Bidayuh Kumang Gawai take part in the Taee Gawai Dayak procession last year.

Gawai Dayak

It was in 1964 that this harvest festival celebration by Dayak communities in Sarawak was registered as a public holiday. The procedures associated with this festival predate the arrival of Christianity, when the harvest homecoming was celebrated through animistic and pagan rituals that still traditionally continue today.

Prior to the start of Gawai, all longhouses are ‘spring cleaned’ and traditional delicacies cooked and preserved. On Gawai Eve, decorated mats are laid out along longhouse ruais.

That evening, a ceremony is held to cast away the spirits of greed followed by a miring or ritual offering ceremony to the deities. The following events are too numerous to mention but suffice to say the whole longhouse eventually sits down for the festival dinner.

Just before midnight, the spirits are welcomed by a procession and a beauty pageant is held to elect the annual Kumang and Keling (Gawai King and Queen).

As the clock strikes midnight, the longhouse chief toasts longevity and the start of a new rice season. Traditional dancing and local poems are sung, which echo into the early hours fuelled by tuak.

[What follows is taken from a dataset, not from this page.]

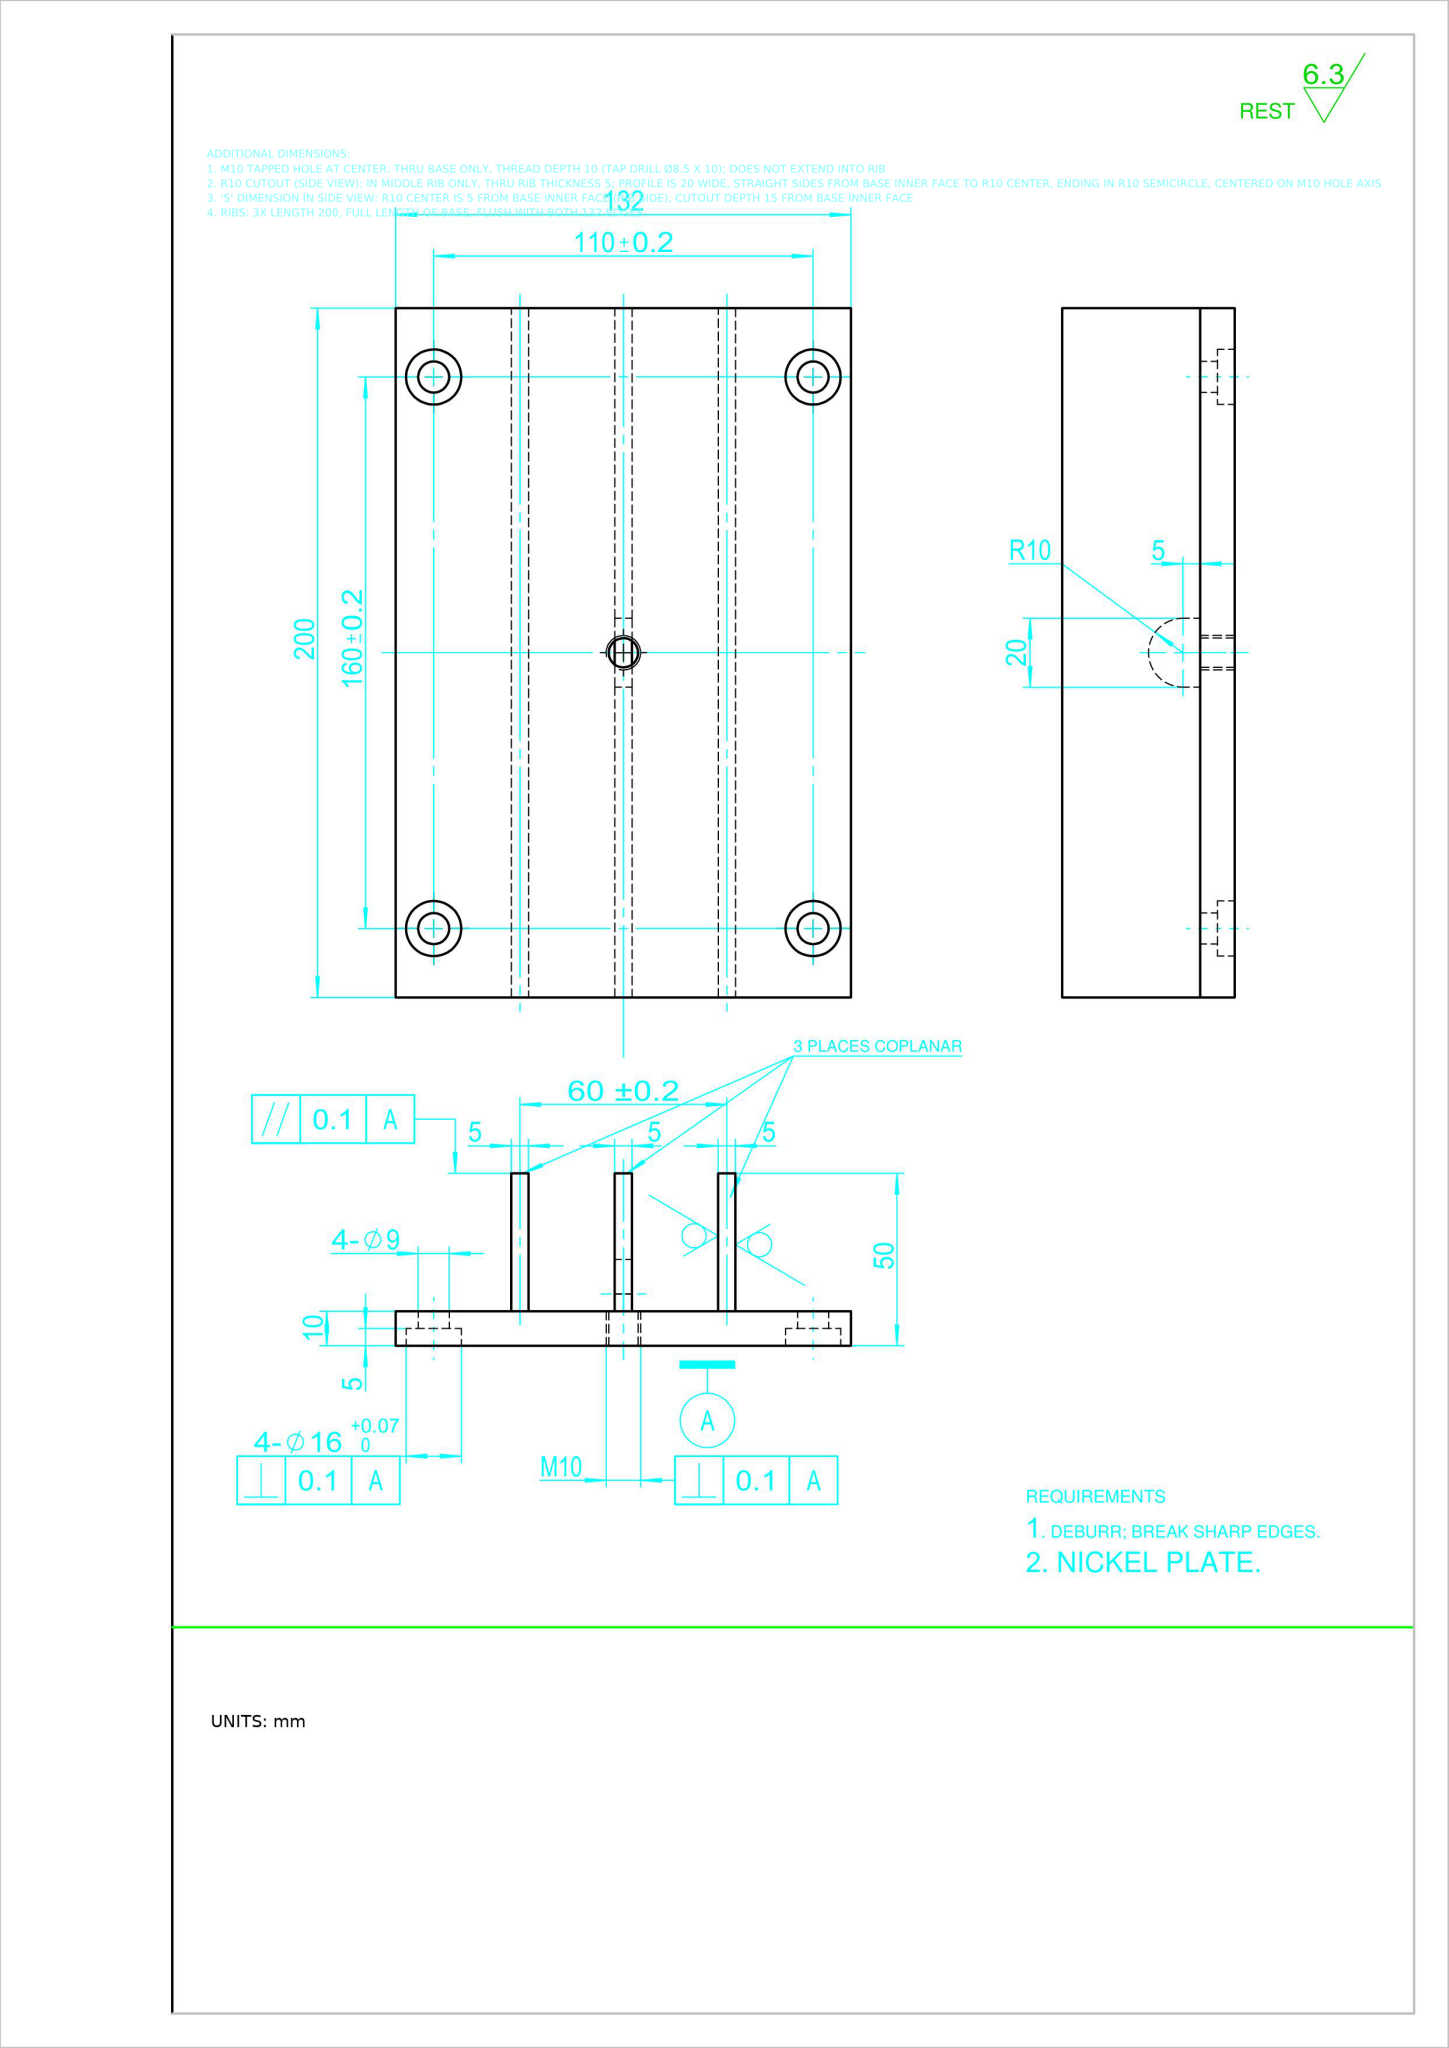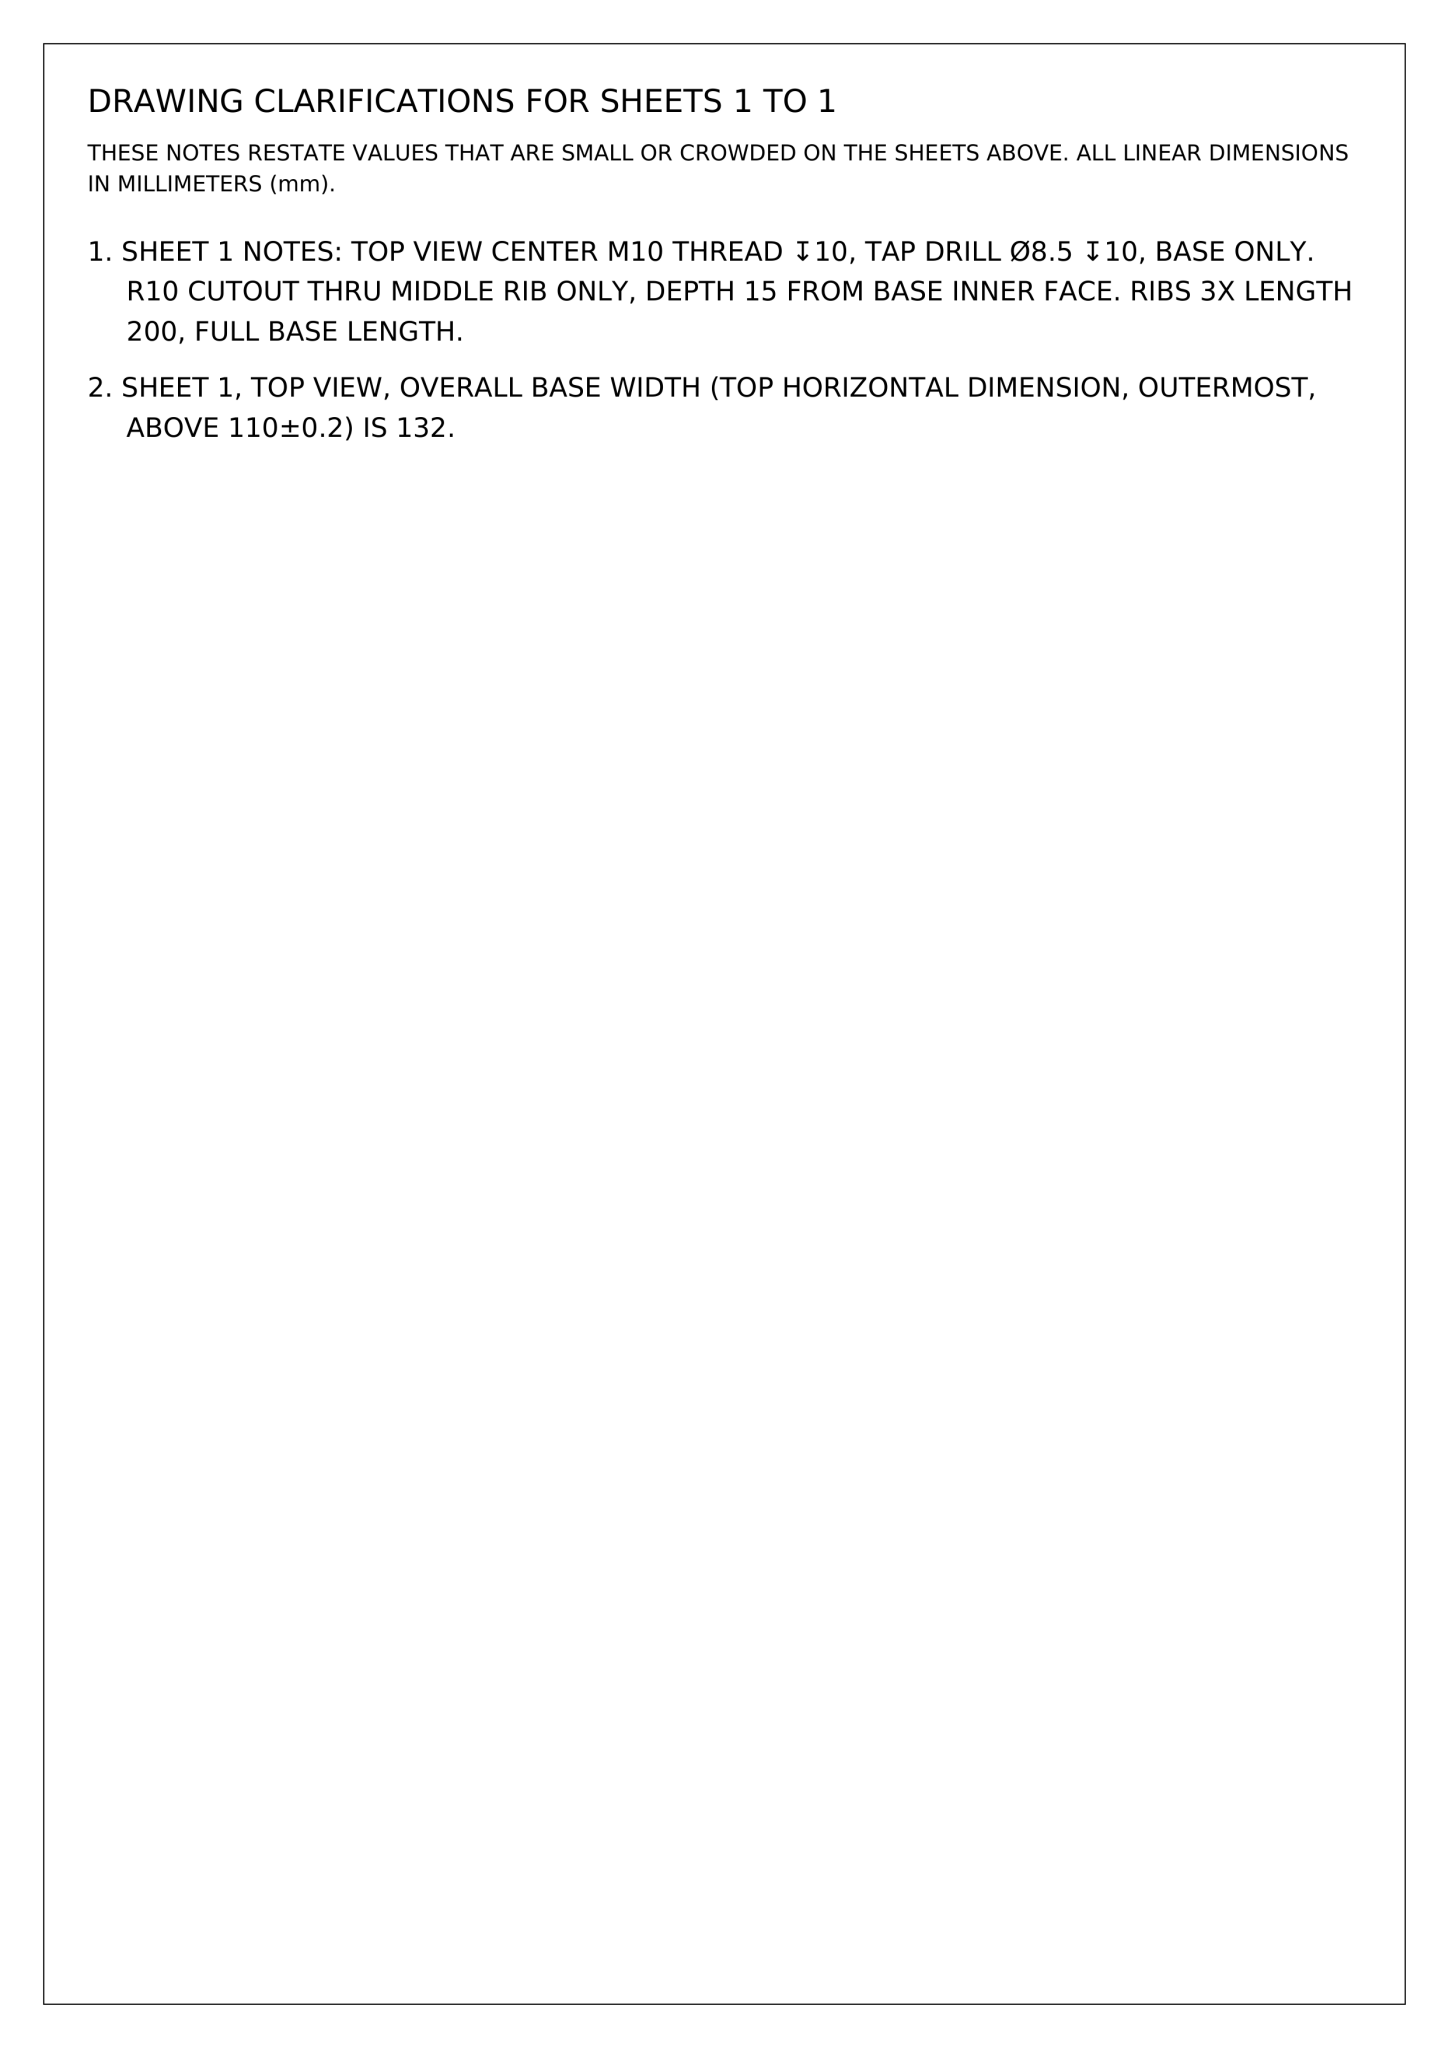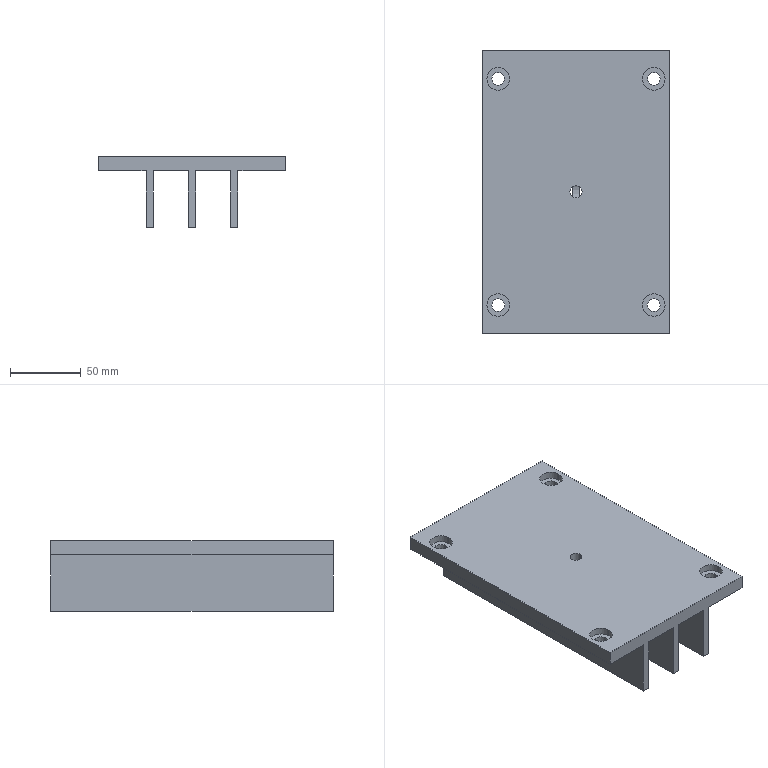Part | NX | mm | 1 solid | 42 faces | box 132 x 200 x 50 mm | volume 376854 mm3 | plane 23 | cylinder 19 | commonest cylinder face diameters 9 x8 16 x8 8.5 x2 20 x1

Later that day, traditional games of the blowpipe, arm-wrestling, and football contests are held. Traditionally, on June 1, an open house is declared and this continues until the end of the month.

Gardians lead the bull running along the streets of Arles.

Feria du Riz

After the annual, machine-intensive planting and harvesting of rice has finished in the delta lands of the River Rhone, the festival of celebration begins.

The city of Arles and ‘capital’ of the Camargue, sees a vast increase in its local population mixed with tourists to witness the events.

Dressed in traditional local costumes the Arlesian inhabitants paint a multi-coloured picture. During the three days of this festival, roving troubadours in the form of small bands (penas) and choirs roam the streets, singing local songs in dialect until the late evening.

Market stalls are set up, selling locally produced cheese, wines, meats, honey, jams, and fresh lavender bunches.

Arles is a World Heritage Site owing to its long history, dating back to its founding by the Romans in 123 BC and graced with a well preserved Roman amphitheatre and arena as well as Emperor Constantine’s thermal baths.

During the Feria, bull running (encierros) occurs along its streets with ‘Gardians’ – cowboys/ranchers, on their white horses, controlling the bulls with local youths following to try to touch the tails of the stampeding Camargue black bulls.

Each day of the festival and in the Arena, the ‘Courses Camargues’ unwinds with brave young men (aspiring matadors) trying to take tassels or tags off a bull’s horns without injury to themselves or the bull.

The ‘Corrida’ or bull fight, in the Roman Arena, is a spectacular occasion with a knowledgeable local crowd applauding or booing the relative skills of the matadors.

I was once anti-bullfighting, but having seen many matadors despatch a bull quickly with the correct thrust of their sword blade, I have changed my mind.

Actually, a bullfight is an artistic event, as so well described by the late author Ernest Hemmingway.

I shall be there this September to soak up the Feria du Riz, in much the same way that my Malaysian friends have allowed me over the years, to be included for Gawai Dayak and Kaamatan.

As we celebrate these harvest festivals, wherever we are in the world, we should, whatever our beliefs, offer a prayer to the creator for the blood, sweat and tears that our farmers have experienced in bringing the harvest home with nature’s blessings.

We should also pray for those in other countries who, through, war, pestilence and climate change, have no harvest this year nor in recent years. Do enjoy your Kaamatan or Gawai Dayak holiday.